# are 1 rep max lifts useful in anyway?



## baggsy1436114680 (Jan 23, 2010)

Hi guys been training with this new guy at my gym, hes not big just a beginner really. In alot of exercises especially bench press he always wants to do 1 rep max at some point, i let him do it and i dont do it myself as i dont see the point. I know plenty do 1 rep max as i read alot on forums is there any benefit to these in anyway??


----------



## murphy2010 (Dec 17, 2010)

I only do em once in a while too see how im progressing, dont see any real benifit to it been a regular thing. Maybe its better for strength training ?


----------



## Mingster (Mar 25, 2011)

If you do 'em it means you can reply to a lot more threads


----------



## Mighty Sparrow (Apr 10, 2011)

1RM should just be, for most people, a benchmark really. Helps you see progress and gives you something to aim for, the next weight up or whatever. I do it ever 6 weeks or so, usually on bench or squats.


----------



## Fatstuff (Mar 2, 2010)

its mainly to see how big your c0ck is!!


----------



## C.Hill (Nov 21, 2010)

I never do it on bench or squat, ALWAYS on the deadlift though!


----------



## monkeybiker (Jul 21, 2010)

For training purposes you do not need to do them but they are fun to do just to see how much you can lift. It gives you a target to beat but you don't actually have to do them.


----------



## energize17 (Jul 25, 2009)

I never do them on any excersies apart from tricep kickbacks:lol:


----------



## C.Hill (Nov 21, 2010)

energize17 said:


> I never do them on any excersies apart from tricep kickbacks:lol:


YEAH BUDDY!!


----------



## quinn85 (Jul 30, 2010)

I can imagine there is a ukm member somewhere out there that could give a proper answer with big words and a link to a decent article.

I am not that member.

I reckon it's a case of what you prefer, I use it as a way of seeing how much i've progressed and then using 80% of that total to do my working sets


----------



## BLUTOS (Mar 5, 2005)

Unless your an olympic lifter or a power lifter , I don't see any point in going less than 3 reps.

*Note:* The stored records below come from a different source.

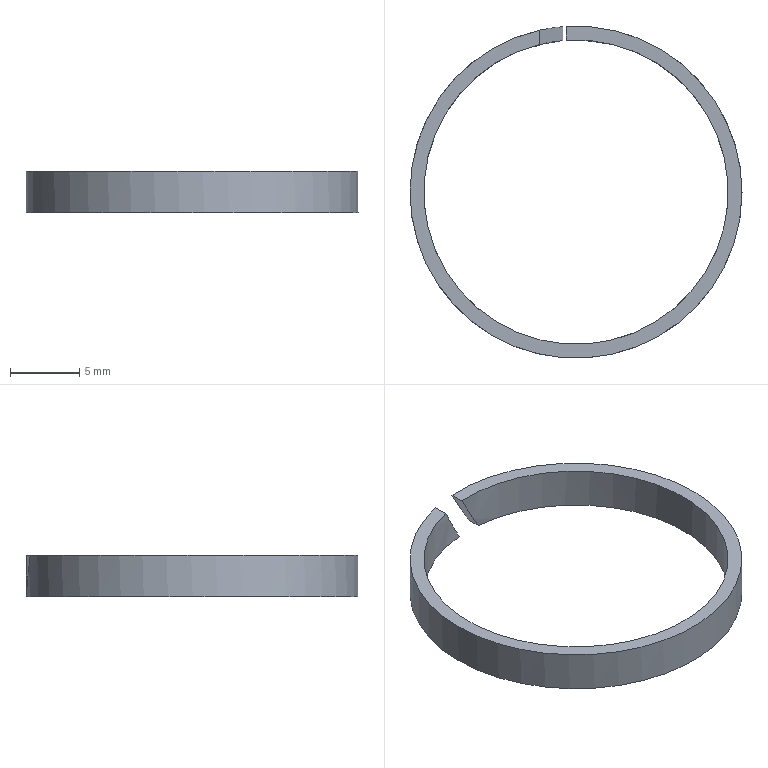Component | NX | PISTON_RING | 1 solid | 6 faces | box 24 x 24 x 3 mm | volume 211 mm3 | plane 4 | cylinder 2 | commonest cylinder face diameters 24 x1 22 x1
STEP:
#1=CARTESIAN_POINT('',(0.,0.,0.));
#2=DIRECTION('',(0.,0.,1.));
#3=DIRECTION('',(1.,0.,0.));
#4=AXIS2_PLACEMENT_3D('',#1,#2,#3);
#5=CARTESIAN_POINT('',(-0.9669,-25.039,23.));
#6=VERTEX_POINT('',#5);
#7=CARTESIAN_POINT('',(-2.63,-25.292,26.));
#8=VERTEX_POINT('',#7);
#9=CARTESIAN_POINT('',(-0.,-37.,21.256));
#10=DIRECTION('',(0.8746,0.,0.4848));
#11=DIRECTION('',(0.4848,0.,-0.8746));
#12=AXIS2_PLACEMENT_3D('',#9,#10,#11);
#13=ELLIPSE('',#12,24.752,12.);
#14=CARTESIAN_POINT('',(-0.,-37.,26.));
#15=DIRECTION('',(0.,0.,-1.));
#16=DIRECTION('',(0.,-1.,0.));
#17=AXIS2_PLACEMENT_3D('',#14,#15,#16);
#18=CYLINDRICAL_SURFACE('',#17,12.);
#19=CARTESIAN_POINT('',(9.344,3.));
#20=CARTESIAN_POINT('',(9.204,-0.));
#21=B_SPLINE_CURVE_WITH_KNOTS('',1,(#19,#20),.UNSPECIFIED.,.F.,.F.,(2,2),(1.651,1.792),.PIECEWISE_BEZIER_KNOTS.);
#22=(GEOMETRIC_REPRESENTATION_CONTEXT(2)PARAMETRIC_REPRESENTATION_CONTEXT()REPRESENTATION_CONTEXT('',''));
#23=DEFINITIONAL_REPRESENTATION('',(#21),#22);
#24=PCURVE('',#18,#23);
#25=CARTESIAN_POINT('',(-5.685,-17.,31.511));
#26=DIRECTION('',(-0.8746,0.,-0.4848));
#27=DIRECTION('',(-0.4848,0.,0.8746));
#28=AXIS2_PLACEMENT_3D('',#25,#26,#27);
#29=PLANE('',#28);
#30=CARTESIAN_POINT('',(-36.478,-20.));
#31=CARTESIAN_POINT('',(-36.478,0.7846));
#32=CARTESIAN_POINT('',(0.6504,-9.608));
#33=CARTESIAN_POINT('',(37.778,-20.));
#34=CARTESIAN_POINT('',(0.6504,-30.392));
#35=CARTESIAN_POINT('',(-36.478,-40.785));
#36=CARTESIAN_POINT('',(-36.478,-20.));
#37=(BOUNDED_CURVE()B_SPLINE_CURVE(2,(#30,#31,#32,#33,#34,#35,#36),.UNSPECIFIED.,.T.,.F.)B_SPLINE_CURVE_WITH_KNOTS((1,2,2,2,2,1),(-2.094,0.,2.094,4.189,6.283,8.378),.UNSPECIFIED.)CURVE()GEOMETRIC_REPRESENTATION_ITEM()RATIONAL_B_SPLINE_CURVE((1.,0.5,1.,0.5,1.,0.5,1.))REPRESENTATION_ITEM(''));
#38=(GEOMETRIC_REPRESENTATION_CONTEXT(2)PARAMETRIC_REPRESENTATION_CONTEXT()REPRESENTATION_CONTEXT('',''));
#39=DEFINITIONAL_REPRESENTATION('',(#37),#38);
#40=PCURVE('',#29,#39);
#41=SURFACE_CURVE('',#13,(#24,#40),.PCURVE_S1.);
#42=EDGE_CURVE('',#6,#8,#41,.T.);
#43=ORIENTED_EDGE('',*,*,#42,.F.);
#44=CARTESIAN_POINT('',(0.9669,-25.039,23.));
#45=VERTEX_POINT('',#44);
#46=CARTESIAN_POINT('',(-0.,-37.,23.));
#47=DIRECTION('',(0.,0.,-1.));
#48=DIRECTION('',(-0.,1.,0.));
#49=AXIS2_PLACEMENT_3D('',#46,#47,#48);
#50=CIRCLE('',#49,12.);
#51=CARTESIAN_POINT('',(3.142,3.));
#52=DIRECTION('',(1.,0.));
#53=VECTOR('',#52,1.);
#54=LINE('',#51,#53);
#55=(GEOMETRIC_REPRESENTATION_CONTEXT(2)PARAMETRIC_REPRESENTATION_CONTEXT()REPRESENTATION_CONTEXT('',''));
#56=DEFINITIONAL_REPRESENTATION('',(#54),#55);
#57=PCURVE('',#18,#56);
#58=CARTESIAN_POINT('',(-0.,-37.,23.));
#59=DIRECTION('',(0.,0.,-1.));
#60=DIRECTION('',(0.,-1.,0.));
#61=AXIS2_PLACEMENT_3D('',#58,#59,#60);
#62=PLANE('',#61);
#63=CARTESIAN_POINT('',(0.,0.));
#64=DIRECTION('',(-1.,0.));
#65=AXIS2_PLACEMENT_2D('',#63,#64);
#66=CIRCLE('',#65,12.);
#67=(GEOMETRIC_REPRESENTATION_CONTEXT(2)PARAMETRIC_REPRESENTATION_CONTEXT()REPRESENTATION_CONTEXT('',''));
#68=DEFINITIONAL_REPRESENTATION('',(#66),#67);
#69=PCURVE('',#62,#68);
#70=SURFACE_CURVE('',#50,(#57,#69),.PCURVE_S1.);
#71=EDGE_CURVE('',#45,#6,#70,.T.);
#72=ORIENTED_EDGE('',*,*,#71,.F.);
#73=CARTESIAN_POINT('',(-0.696,-25.02,26.));
#74=VERTEX_POINT('',#73);
#75=CARTESIAN_POINT('',(-0.,-37.,24.744));
#76=DIRECTION('',(-0.8746,0.,-0.4848));
#77=DIRECTION('',(0.4848,0.,-0.8746));
#78=AXIS2_PLACEMENT_3D('',#75,#76,#77);
#79=ELLIPSE('',#78,24.752,12.);
#80=CARTESIAN_POINT('',(3.084,-0.));
#81=CARTESIAN_POINT('',(3.222,3.));
#82=B_SPLINE_CURVE_WITH_KNOTS('',1,(#80,#81),.UNSPECIFIED.,.F.,.F.,(2,2),(4.654,4.793),.PIECEWISE_BEZIER_KNOTS.);
#83=(GEOMETRIC_REPRESENTATION_CONTEXT(2)PARAMETRIC_REPRESENTATION_CONTEXT()REPRESENTATION_CONTEXT('',''));
#84=DEFINITIONAL_REPRESENTATION('',(#82),#83);
#85=PCURVE('',#18,#84);
#86=CARTESIAN_POINT('',(5.685,-17.,14.489));
#87=DIRECTION('',(0.8746,0.,0.4848));
#88=DIRECTION('',(0.4848,0.,-0.8746));
#89=AXIS2_PLACEMENT_3D('',#86,#87,#88);
#90=PLANE('',#89);
#91=CARTESIAN_POINT('',(13.026,-20.));
#92=CARTESIAN_POINT('',(13.026,-40.785));
#93=CARTESIAN_POINT('',(-24.102,-30.392));
#94=CARTESIAN_POINT('',(-61.23,-20.));
#95=CARTESIAN_POINT('',(-24.102,-9.608));
#96=CARTESIAN_POINT('',(13.026,0.7846));
#97=CARTESIAN_POINT('',(13.026,-20.));
#98=(BOUNDED_CURVE()B_SPLINE_CURVE(2,(#91,#92,#93,#94,#95,#96,#97),.UNSPECIFIED.,.T.,.F.)B_SPLINE_CURVE_WITH_KNOTS((1,2,2,2,2,1),(-2.094,0.,2.094,4.189,6.283,8.378),.UNSPECIFIED.)CURVE()GEOMETRIC_REPRESENTATION_ITEM()RATIONAL_B_SPLINE_CURVE((1.,0.5,1.,0.5,1.,0.5,1.))REPRESENTATION_ITEM(''));
#99=(GEOMETRIC_REPRESENTATION_CONTEXT(2)PARAMETRIC_REPRESENTATION_CONTEXT()REPRESENTATION_CONTEXT('',''));
#100=DEFINITIONAL_REPRESENTATION('',(#98),#99);
#101=PCURVE('',#90,#100);
#102=SURFACE_CURVE('',#79,(#85,#101),.PCURVE_S1.);
#103=EDGE_CURVE('',#74,#45,#102,.T.);
#104=ORIENTED_EDGE('',*,*,#103,.F.);
#105=CARTESIAN_POINT('',(-0.,-37.,26.));
#106=DIRECTION('',(0.,0.,-1.));
#107=DIRECTION('',(-0.,1.,0.));
#108=AXIS2_PLACEMENT_3D('',#105,#106,#107);
#109=CIRCLE('',#108,12.);
#110=CARTESIAN_POINT('',(-3.142,0.));
#111=DIRECTION('',(1.,0.));
#112=VECTOR('',#111,1.);
#113=LINE('',#110,#112);
#114=(GEOMETRIC_REPRESENTATION_CONTEXT(2)PARAMETRIC_REPRESENTATION_CONTEXT()REPRESENTATION_CONTEXT('',''));
#115=DEFINITIONAL_REPRESENTATION('',(#113),#114);
#116=PCURVE('',#18,#115);
#117=CARTESIAN_POINT('',(-0.,-37.,26.));
#118=DIRECTION('',(0.,0.,-1.));
#119=DIRECTION('',(0.,-1.,0.));
#120=AXIS2_PLACEMENT_3D('',#117,#118,#119);
#121=PLANE('',#120);
#122=CARTESIAN_POINT('',(0.,0.));
#123=DIRECTION('',(-1.,0.));
#124=AXIS2_PLACEMENT_2D('',#122,#123);
#125=CIRCLE('',#124,12.);
#126=(GEOMETRIC_REPRESENTATION_CONTEXT(2)PARAMETRIC_REPRESENTATION_CONTEXT()REPRESENTATION_CONTEXT('',''));
#127=DEFINITIONAL_REPRESENTATION('',(#125),#126);
#128=PCURVE('',#121,#127);
#129=SURFACE_CURVE('',#109,(#116,#128),.PCURVE_S1.);
#130=EDGE_CURVE('',#74,#8,#129,.T.);
#131=ORIENTED_EDGE('',*,*,#130,.T.);
#132=EDGE_LOOP('',(#43,#72,#104,#131));
#133=FACE_BOUND('',#132,.T.);
#134=ADVANCED_FACE('',(#133),#18,.T.);
#135=CARTESIAN_POINT('',(-0.696,-26.022,26.));
#136=VERTEX_POINT('',#135);
#137=CARTESIAN_POINT('',(0.9669,-26.043,23.));
#138=VERTEX_POINT('',#137);
#139=CARTESIAN_POINT('',(-0.,-37.,24.744));
#140=DIRECTION('',(-0.8746,0.,-0.4848));
#141=DIRECTION('',(0.4848,0.,-0.8746));
#142=AXIS2_PLACEMENT_3D('',#139,#140,#141);
#143=ELLIPSE('',#142,22.689,11.);
#144=CARTESIAN_POINT('',(-0.,-37.,26.));
#145=DIRECTION('',(0.,0.,-1.));
#146=DIRECTION('',(0.,-1.,0.));
#147=AXIS2_PLACEMENT_3D('',#144,#145,#146);
#148=CYLINDRICAL_SURFACE('',#147,11.);
#149=CARTESIAN_POINT('',(3.078,-0.));
#150=CARTESIAN_POINT('',(3.23,3.));
#151=B_SPLINE_CURVE_WITH_KNOTS('',1,(#149,#150),.UNSPECIFIED.,.F.,.F.,(2,2),(4.649,4.8),.PIECEWISE_BEZIER_KNOTS.);
#152=(GEOMETRIC_REPRESENTATION_CONTEXT(2)PARAMETRIC_REPRESENTATION_CONTEXT()REPRESENTATION_CONTEXT('',''));
#153=DEFINITIONAL_REPRESENTATION('',(#151),#152);
#154=PCURVE('',#148,#153);
#155=CARTESIAN_POINT('',(10.964,-20.));
#156=CARTESIAN_POINT('',(10.964,-39.053));
#157=CARTESIAN_POINT('',(-23.07,-29.526));
#158=CARTESIAN_POINT('',(-57.104,-20.));
#159=CARTESIAN_POINT('',(-23.07,-10.474));
#160=CARTESIAN_POINT('',(10.964,-0.9474));
#161=CARTESIAN_POINT('',(10.964,-20.));
#162=(BOUNDED_CURVE()B_SPLINE_CURVE(2,(#155,#156,#157,#158,#159,#160,#161),.UNSPECIFIED.,.T.,.F.)B_SPLINE_CURVE_WITH_KNOTS((1,2,2,2,2,1),(-2.094,0.,2.094,4.189,6.283,8.378),.UNSPECIFIED.)CURVE()GEOMETRIC_REPRESENTATION_ITEM()RATIONAL_B_SPLINE_CURVE((1.,0.5,1.,0.5,1.,0.5,1.))REPRESENTATION_ITEM(''));
#163=(GEOMETRIC_REPRESENTATION_CONTEXT(2)PARAMETRIC_REPRESENTATION_CONTEXT()REPRESENTATION_CONTEXT('',''));
#164=DEFINITIONAL_REPRESENTATION('',(#162),#163);
#165=PCURVE('',#90,#164);
#166=SURFACE_CURVE('',#143,(#154,#165),.PCURVE_S1.);
#167=EDGE_CURVE('',#136,#138,#166,.T.);
#168=ORIENTED_EDGE('',*,*,#167,.F.);
#169=CARTESIAN_POINT('',(-2.63,-26.319,26.));
#170=VERTEX_POINT('',#169);
#171=CARTESIAN_POINT('',(-0.,-37.,26.));
#172=DIRECTION('',(0.,0.,-1.));
#173=DIRECTION('',(-0.,1.,0.));
#174=AXIS2_PLACEMENT_3D('',#171,#172,#173);
#175=CIRCLE('',#174,11.);
#176=CARTESIAN_POINT('',(-3.142,0.));
#177=DIRECTION('',(1.,0.));
#178=VECTOR('',#177,1.);
#179=LINE('',#176,#178);
#180=(GEOMETRIC_REPRESENTATION_CONTEXT(2)PARAMETRIC_REPRESENTATION_CONTEXT()REPRESENTATION_CONTEXT('',''));
#181=DEFINITIONAL_REPRESENTATION('',(#179),#180);
#182=PCURVE('',#148,#181);
#183=CARTESIAN_POINT('',(0.,0.));
#184=DIRECTION('',(-1.,0.));
#185=AXIS2_PLACEMENT_2D('',#183,#184);
#186=CIRCLE('',#185,11.);
#187=(GEOMETRIC_REPRESENTATION_CONTEXT(2)PARAMETRIC_REPRESENTATION_CONTEXT()REPRESENTATION_CONTEXT('',''));
#188=DEFINITIONAL_REPRESENTATION('',(#186),#187);
#189=PCURVE('',#121,#188);
#190=SURFACE_CURVE('',#175,(#182,#189),.PCURVE_S1.);
#191=EDGE_CURVE('',#136,#170,#190,.T.);
#192=ORIENTED_EDGE('',*,*,#191,.T.);
#193=CARTESIAN_POINT('',(-0.9669,-26.043,23.));
#194=VERTEX_POINT('',#193);
#195=CARTESIAN_POINT('',(-0.,-37.,21.256));
#196=DIRECTION('',(0.8746,0.,0.4848));
#197=DIRECTION('',(0.4848,0.,-0.8746));
#198=AXIS2_PLACEMENT_3D('',#195,#196,#197);
#199=ELLIPSE('',#198,22.689,11.);
#200=CARTESIAN_POINT('',(9.337,3.));
#201=CARTESIAN_POINT('',(9.183,-0.));
#202=B_SPLINE_CURVE_WITH_KNOTS('',1,(#200,#201),.UNSPECIFIED.,.F.,.F.,(2,2),(1.659,1.812),.PIECEWISE_BEZIER_KNOTS.);
#203=(GEOMETRIC_REPRESENTATION_CONTEXT(2)PARAMETRIC_REPRESENTATION_CONTEXT()REPRESENTATION_CONTEXT('',''));
#204=DEFINITIONAL_REPRESENTATION('',(#202),#203);
#205=PCURVE('',#148,#204);
#206=CARTESIAN_POINT('',(-34.415,-20.));
#207=CARTESIAN_POINT('',(-34.415,-0.9474));
#208=CARTESIAN_POINT('',(-0.3809,-10.474));
#209=CARTESIAN_POINT('',(33.653,-20.));
#210=CARTESIAN_POINT('',(-0.3809,-29.526));
#211=CARTESIAN_POINT('',(-34.415,-39.053));
#212=CARTESIAN_POINT('',(-34.415,-20.));
#213=(BOUNDED_CURVE()B_SPLINE_CURVE(2,(#206,#207,#208,#209,#210,#211,#212),.UNSPECIFIED.,.T.,.F.)B_SPLINE_CURVE_WITH_KNOTS((1,2,2,2,2,1),(-2.094,0.,2.094,4.189,6.283,8.378),.UNSPECIFIED.)CURVE()GEOMETRIC_REPRESENTATION_ITEM()RATIONAL_B_SPLINE_CURVE((1.,0.5,1.,0.5,1.,0.5,1.))REPRESENTATION_ITEM(''));
#214=(GEOMETRIC_REPRESENTATION_CONTEXT(2)PARAMETRIC_REPRESENTATION_CONTEXT()REPRESENTATION_CONTEXT('',''));
#215=DEFINITIONAL_REPRESENTATION('',(#213),#214);
#216=PCURVE('',#29,#215);
#217=SURFACE_CURVE('',#199,(#205,#216),.PCURVE_S1.);
#218=EDGE_CURVE('',#194,#170,#217,.T.);
#219=ORIENTED_EDGE('',*,*,#218,.F.);
#220=CARTESIAN_POINT('',(-0.,-37.,23.));
#221=DIRECTION('',(0.,0.,-1.));
#222=DIRECTION('',(-0.,1.,0.));
#223=AXIS2_PLACEMENT_3D('',#220,#221,#222);
#224=CIRCLE('',#223,11.);
#225=CARTESIAN_POINT('',(3.142,3.));
#226=DIRECTION('',(1.,0.));
#227=VECTOR('',#226,1.);
#228=LINE('',#225,#227);
#229=(GEOMETRIC_REPRESENTATION_CONTEXT(2)PARAMETRIC_REPRESENTATION_CONTEXT()REPRESENTATION_CONTEXT('',''));
#230=DEFINITIONAL_REPRESENTATION('',(#228),#229);
#231=PCURVE('',#148,#230);
#232=CARTESIAN_POINT('',(0.,0.));
#233=DIRECTION('',(-1.,0.));
#234=AXIS2_PLACEMENT_2D('',#232,#233);
#235=CIRCLE('',#234,11.);
#236=(GEOMETRIC_REPRESENTATION_CONTEXT(2)PARAMETRIC_REPRESENTATION_CONTEXT()REPRESENTATION_CONTEXT('',''));
#237=DEFINITIONAL_REPRESENTATION('',(#235),#236);
#238=PCURVE('',#62,#237);
#239=SURFACE_CURVE('',#224,(#231,#238),.PCURVE_S1.);
#240=EDGE_CURVE('',#138,#194,#239,.T.);
#241=ORIENTED_EDGE('',*,*,#240,.F.);
#242=EDGE_LOOP('',(#168,#192,#219,#241));
#243=FACE_BOUND('',#242,.F.);
#244=ADVANCED_FACE('',(#243),#148,.F.);
#245=ORIENTED_EDGE('',*,*,#191,.T.);
#246=CARTESIAN_POINT('',(-2.63,-37.,26.));
#247=DIRECTION('',(0.,1.,0.));
#248=VECTOR('',#247,1.);
#249=LINE('',#246,#248);
#250=CARTESIAN_POINT('',(0.,2.63));
#251=DIRECTION('',(-1.,0.));
#252=VECTOR('',#251,1.);
#253=LINE('',#250,#252);
#254=(GEOMETRIC_REPRESENTATION_CONTEXT(2)PARAMETRIC_REPRESENTATION_CONTEXT()REPRESENTATION_CONTEXT('',''));
#255=DEFINITIONAL_REPRESENTATION('',(#253),#254);
#256=PCURVE('',#121,#255);
#257=CARTESIAN_POINT('',(-6.301,-20.));
#258=DIRECTION('',(0.,1.));
#259=VECTOR('',#258,1.);
#260=LINE('',#257,#259);
#261=(GEOMETRIC_REPRESENTATION_CONTEXT(2)PARAMETRIC_REPRESENTATION_CONTEXT()REPRESENTATION_CONTEXT('',''));
#262=DEFINITIONAL_REPRESENTATION('',(#260),#261);
#263=PCURVE('',#29,#262);
#264=SURFACE_CURVE('',#249,(#256,#263),.PCURVE_S1.);
#265=EDGE_CURVE('',#170,#8,#264,.T.);
#266=ORIENTED_EDGE('',*,*,#265,.T.);
#267=ORIENTED_EDGE('',*,*,#130,.F.);
#268=CARTESIAN_POINT('',(-0.696,-37.,26.));
#269=DIRECTION('',(0.,-1.,0.));
#270=VECTOR('',#269,1.);
#271=LINE('',#268,#270);
#272=CARTESIAN_POINT('',(0.,0.696));
#273=DIRECTION('',(1.,0.));
#274=VECTOR('',#273,1.);
#275=LINE('',#272,#274);
#276=(GEOMETRIC_REPRESENTATION_CONTEXT(2)PARAMETRIC_REPRESENTATION_CONTEXT()REPRESENTATION_CONTEXT('',''));
#277=DEFINITIONAL_REPRESENTATION('',(#275),#276);
#278=PCURVE('',#121,#277);
#279=CARTESIAN_POINT('',(-13.161,-20.));
#280=DIRECTION('',(0.,-1.));
#281=VECTOR('',#280,1.);
#282=LINE('',#279,#281);
#283=(GEOMETRIC_REPRESENTATION_CONTEXT(2)PARAMETRIC_REPRESENTATION_CONTEXT()REPRESENTATION_CONTEXT('',''));
#284=DEFINITIONAL_REPRESENTATION('',(#282),#283);
#285=PCURVE('',#90,#284);
#286=SURFACE_CURVE('',#271,(#278,#285),.PCURVE_S1.);
#287=EDGE_CURVE('',#74,#136,#286,.T.);
#288=ORIENTED_EDGE('',*,*,#287,.T.);
#289=EDGE_LOOP('',(#245,#266,#267,#288));
#290=FACE_BOUND('',#289,.T.);
#291=ADVANCED_FACE('',(#290),#121,.F.);
#292=CARTESIAN_POINT('',(-0.9669,-37.,23.));
#293=DIRECTION('',(0.,1.,0.));
#294=VECTOR('',#293,1.);
#295=LINE('',#292,#294);
#296=CARTESIAN_POINT('',(0.,0.9669));
#297=DIRECTION('',(-1.,0.));
#298=VECTOR('',#297,1.);
#299=LINE('',#296,#298);
#300=(GEOMETRIC_REPRESENTATION_CONTEXT(2)PARAMETRIC_REPRESENTATION_CONTEXT()REPRESENTATION_CONTEXT('',''));
#301=DEFINITIONAL_REPRESENTATION('',(#299),#300);
#302=PCURVE('',#62,#301);
#303=CARTESIAN_POINT('',(-9.731,-20.));
#304=DIRECTION('',(0.,1.));
#305=VECTOR('',#304,1.);
#306=LINE('',#303,#305);
#307=(GEOMETRIC_REPRESENTATION_CONTEXT(2)PARAMETRIC_REPRESENTATION_CONTEXT()REPRESENTATION_CONTEXT('',''));
#308=DEFINITIONAL_REPRESENTATION('',(#306),#307);
#309=PCURVE('',#29,#308);
#310=SURFACE_CURVE('',#295,(#302,#309),.PCURVE_S1.);
#311=EDGE_CURVE('',#194,#6,#310,.T.);
#312=ORIENTED_EDGE('',*,*,#311,.F.);
#313=ORIENTED_EDGE('',*,*,#240,.F.);
#314=CARTESIAN_POINT('',(0.9669,-37.,23.));
#315=DIRECTION('',(0.,-1.,0.));
#316=VECTOR('',#315,1.);
#317=LINE('',#314,#316);
#318=CARTESIAN_POINT('',(0.,-0.9669));
#319=DIRECTION('',(1.,0.));
#320=VECTOR('',#319,1.);
#321=LINE('',#318,#320);
#322=(GEOMETRIC_REPRESENTATION_CONTEXT(2)PARAMETRIC_REPRESENTATION_CONTEXT()REPRESENTATION_CONTEXT('',''));
#323=DEFINITIONAL_REPRESENTATION('',(#321),#322);
#324=PCURVE('',#62,#323);
#325=CARTESIAN_POINT('',(-9.731,-20.));
#326=DIRECTION('',(0.,-1.));
#327=VECTOR('',#326,1.);
#328=LINE('',#325,#327);
#329=(GEOMETRIC_REPRESENTATION_CONTEXT(2)PARAMETRIC_REPRESENTATION_CONTEXT()REPRESENTATION_CONTEXT('',''));
#330=DEFINITIONAL_REPRESENTATION('',(#328),#329);
#331=PCURVE('',#90,#330);
#332=SURFACE_CURVE('',#317,(#324,#331),.PCURVE_S1.);
#333=EDGE_CURVE('',#45,#138,#332,.T.);
#334=ORIENTED_EDGE('',*,*,#333,.F.);
#335=ORIENTED_EDGE('',*,*,#71,.T.);
#336=EDGE_LOOP('',(#312,#313,#334,#335));
#337=FACE_BOUND('',#336,.T.);
#338=ADVANCED_FACE('',(#337),#62,.T.);
#339=ORIENTED_EDGE('',*,*,#103,.T.);
#340=ORIENTED_EDGE('',*,*,#333,.T.);
#341=ORIENTED_EDGE('',*,*,#167,.F.);
#342=ORIENTED_EDGE('',*,*,#287,.F.);
#343=EDGE_LOOP('',(#339,#340,#341,#342));
#344=FACE_BOUND('',#343,.T.);
#345=ADVANCED_FACE('',(#344),#90,.F.);
#346=ORIENTED_EDGE('',*,*,#218,.F.);
#347=ORIENTED_EDGE('',*,*,#311,.T.);
#348=ORIENTED_EDGE('',*,*,#42,.T.);
#349=ORIENTED_EDGE('',*,*,#265,.F.);
#350=EDGE_LOOP('',(#346,#347,#348,#349));
#351=FACE_BOUND('',#350,.T.);
#352=ADVANCED_FACE('',(#351),#29,.F.);
#353=CLOSED_SHELL('',(#134,#244,#291,#338,#345,#352));
#354=MANIFOLD_SOLID_BREP('',#353);
#355=(LENGTH_UNIT()NAMED_UNIT(*)SI_UNIT(.MILLI.,.METRE.));
#356=UNCERTAINTY_MEASURE_WITH_UNIT(LENGTH_MEASURE(0.005),#355,'','');
#357=(NAMED_UNIT(*)PLANE_ANGLE_UNIT()SI_UNIT($,.RADIAN.));
#358=(NAMED_UNIT(*)SI_UNIT($,.STERADIAN.)SOLID_ANGLE_UNIT());
#359=(GEOMETRIC_REPRESENTATION_CONTEXT(3)GLOBAL_UNCERTAINTY_ASSIGNED_CONTEXT((#356))GLOBAL_UNIT_ASSIGNED_CONTEXT((#355,#357,#358))REPRESENTATION_CONTEXT('',''));
#360=ADVANCED_BREP_SHAPE_REPRESENTATION('',(#4,#354),#359);

I have done singles but more like a rest pause n when benching or pressing or squatting (ie the bar will fcuk u up if you dont complete) I try n keep a cowards/just in case 5kg off what I think I can do so I know I can complete the lift.


----------



## LunaticSamurai (May 19, 2009)

The point of a 1rep max is to push your muscle beyond the point of its limit, tearing a different set of muscle fibres abling you to progress.


----------



## scotty10 (Jun 7, 2011)

monkeybiker said:


> For training purposes you do not need to do them but they are fun to do just to see how much you can lift. It gives you a target to beat but you don't actually have to do them.


Or how much you cant lift, thought you could lift..!! :lol:


----------



## quinn85 (Jul 30, 2010)

Surely whether you do them or not the key is progression, and not just plugging away at the same weight week in week out?


----------



## Ninja (Apr 28, 2010)

It's a good way to increase your strength...I did heavy singles for a couple of months -big strength gains an some muscles.


----------



## xpower (Jul 28, 2009)

Works well on deads IME for muscle & strength


----------



## big steve (May 8, 2011)

i thought it was ammo for down the pub!


----------



## dtlv (Jul 24, 2009)

1 rep maxes are obviously most important if you are powerlifting or olympic lifting... for a bodybuilder less important, although they can help you assess progression, provide a decent stimulus as part of a heavy phase of lifting, and can be useful to know for certain periodised routines that get you to use precise percentages of your 1RM for all main exercises.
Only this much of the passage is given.